Toledo holds its first Jeep Fest, and Jeep lovers all understood

The Jeep Fest Parade on August 13 lasted 1.5 hours, and stretched down Huron Street in Downtown Toledo. (All Photos by Jana Life)

By Jana Life

Thousands of people braved the intense humidity and threatening rain during Toledo’s first Jeep Fest, which celebrated a vehicle that has inspired a culture of fun since the tradition of Jeep began almost 80 years ago, with the production of the CJ model used for military purposes.

It seemed that many residents of the 419 area and Jeep lovers everywhere had been waiting for this event since that first car rolled off the assembly line at the Toledo Jeep plant, which has since been demolished.

The morning parade boasted over 700 vehicles, and there were about 900 at the day-long event. There were old Jeeps and new Jeeps, and clean Jeeps and Jeeps covered in mud.

An Ohio State Wrangler stops during the parade to climb over Michigan.

The condition didn’t matter. Each owner drove through the downtown streets with pride, and the gawkers looked on in awe. From the youngest children to the oldest war veterans, it was as if everyone came out that day to say, ‘Look at this amazing little car that has brought us so much joy, and we made it right here in our own town.’

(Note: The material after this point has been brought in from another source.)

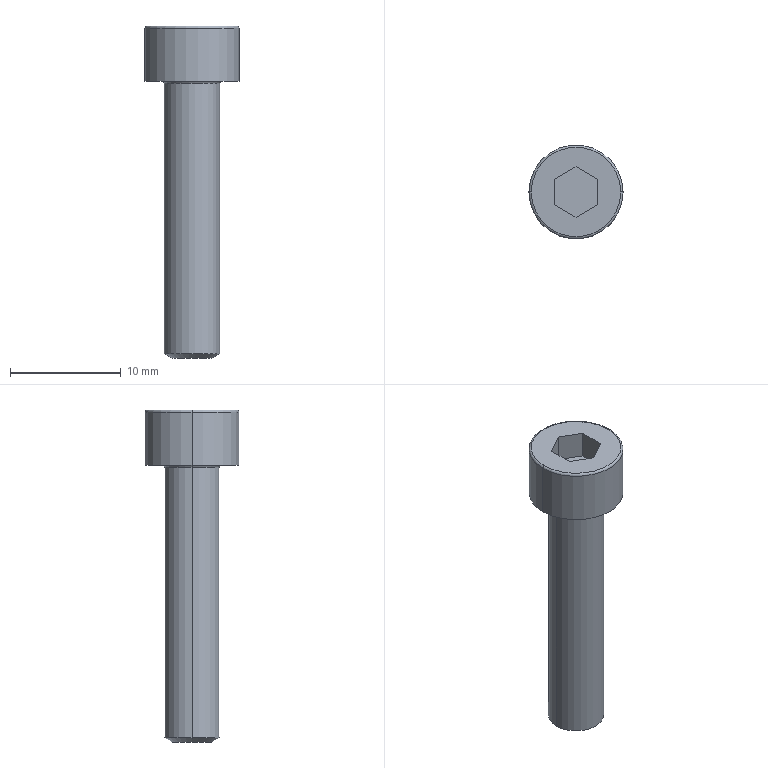Component | NX | HEX_SOCKET_CAP_SCREW_M5X25_2 | 1 solid | 20 faces | volume 738 mm3 | plane 10 | torus 4 | cylinder 4 | cone 2 | commonest cylinder face diameters 8.5 x2 5 x2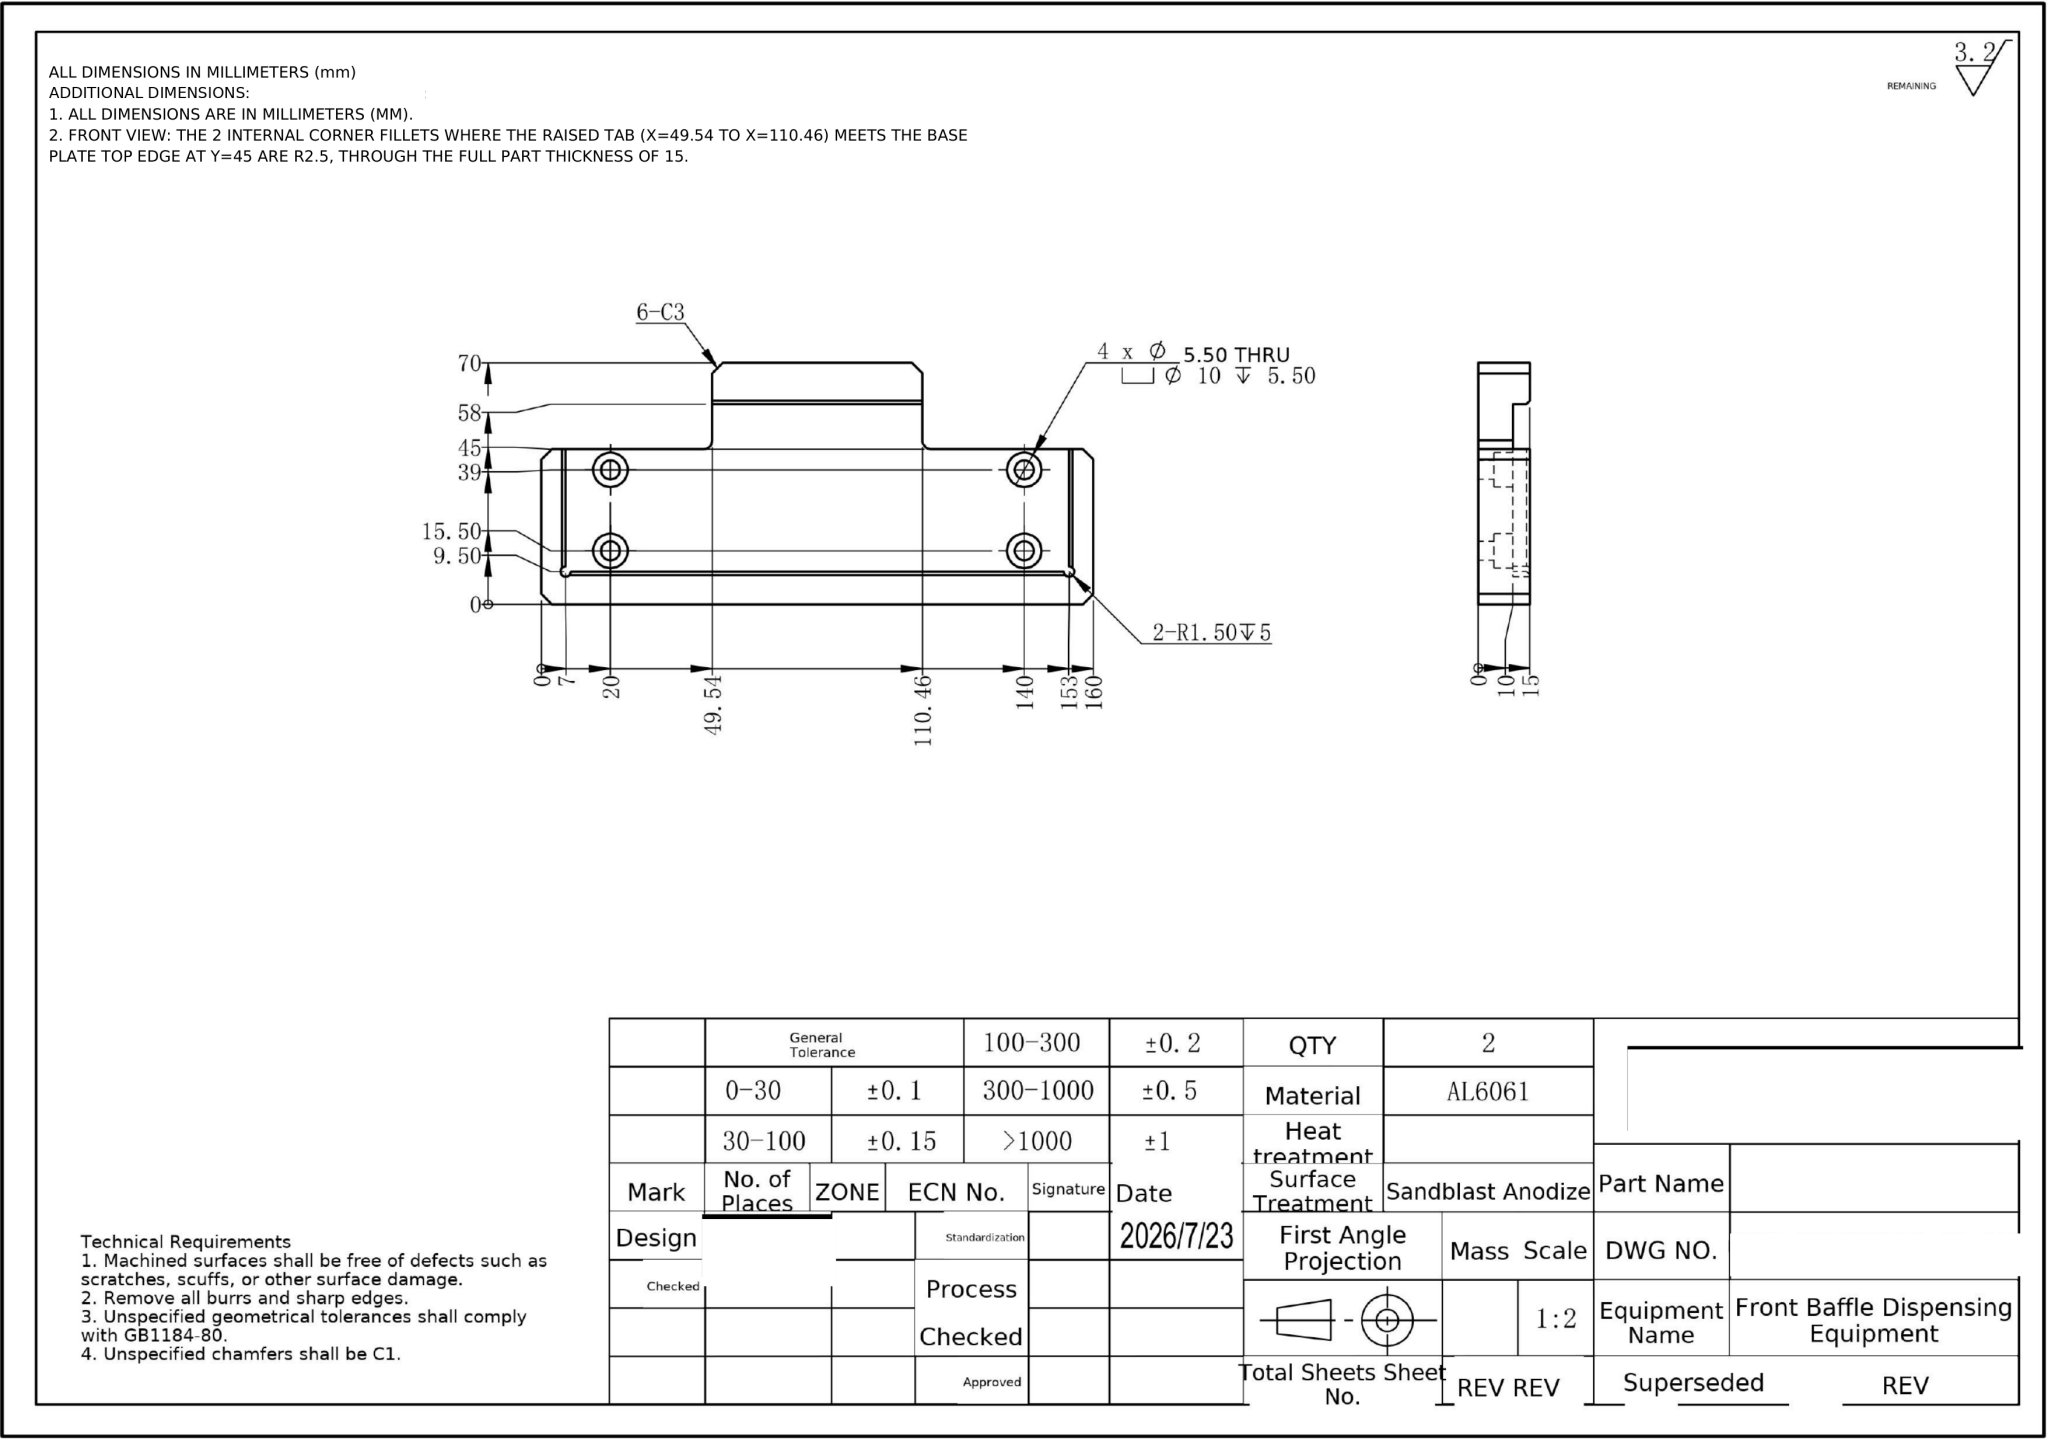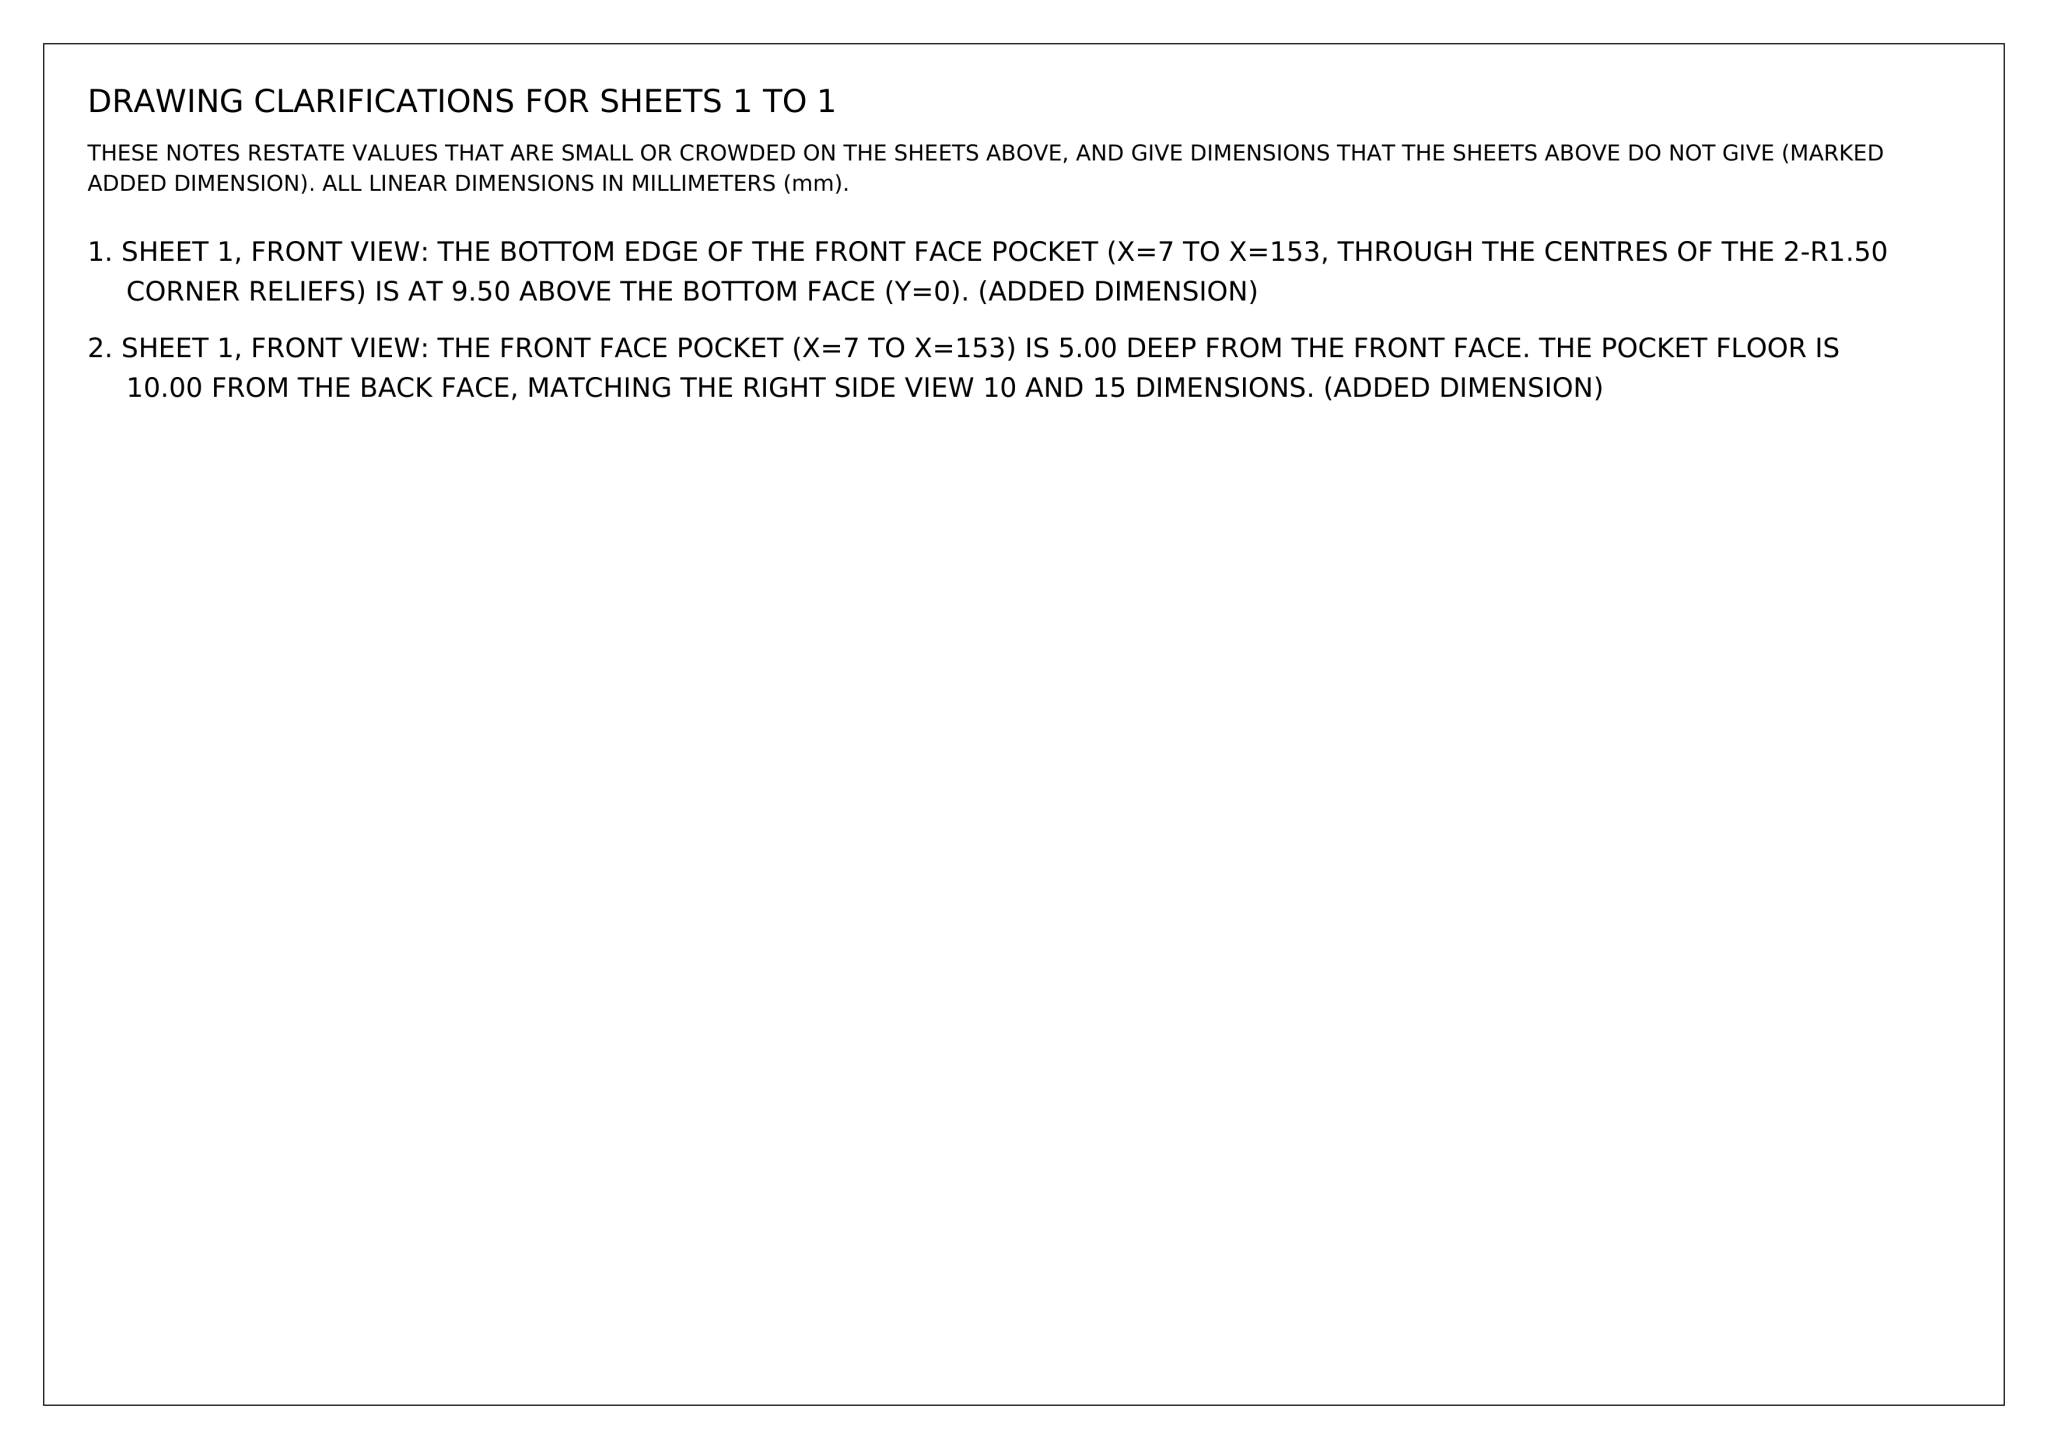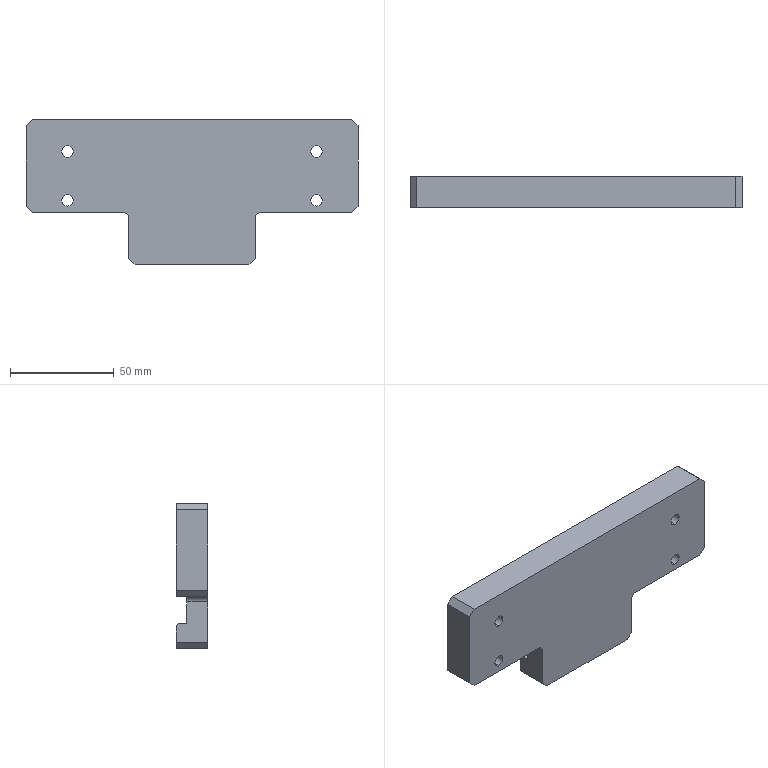Part | NX | mm | Angled Stepped Beam Bracket | 1 solid | 52 faces | box 160 x 15 x 70 mm | volume 98247 mm3 | plane 30 | cylinder 22 | commonest cylinder face diameters 10 x8 5.5 x8 3 x4 5 x2

All day, downtown Toledo was teeming with complete and utter pride. With every Wrangler t-shirt and every devoted fan crowded around their precious cars, it was an aura of bliss in being surrounded by hundreds of people who were all thinking the same thing: Jeeps. Are. Awesome.

But especially, there was a quiet satisfaction in knowing that not one person that day would have to shake their head and utter the seven words every Jeep owner has said at one time or another:

“It’s a Jeep thing, you wouldn’t understand.”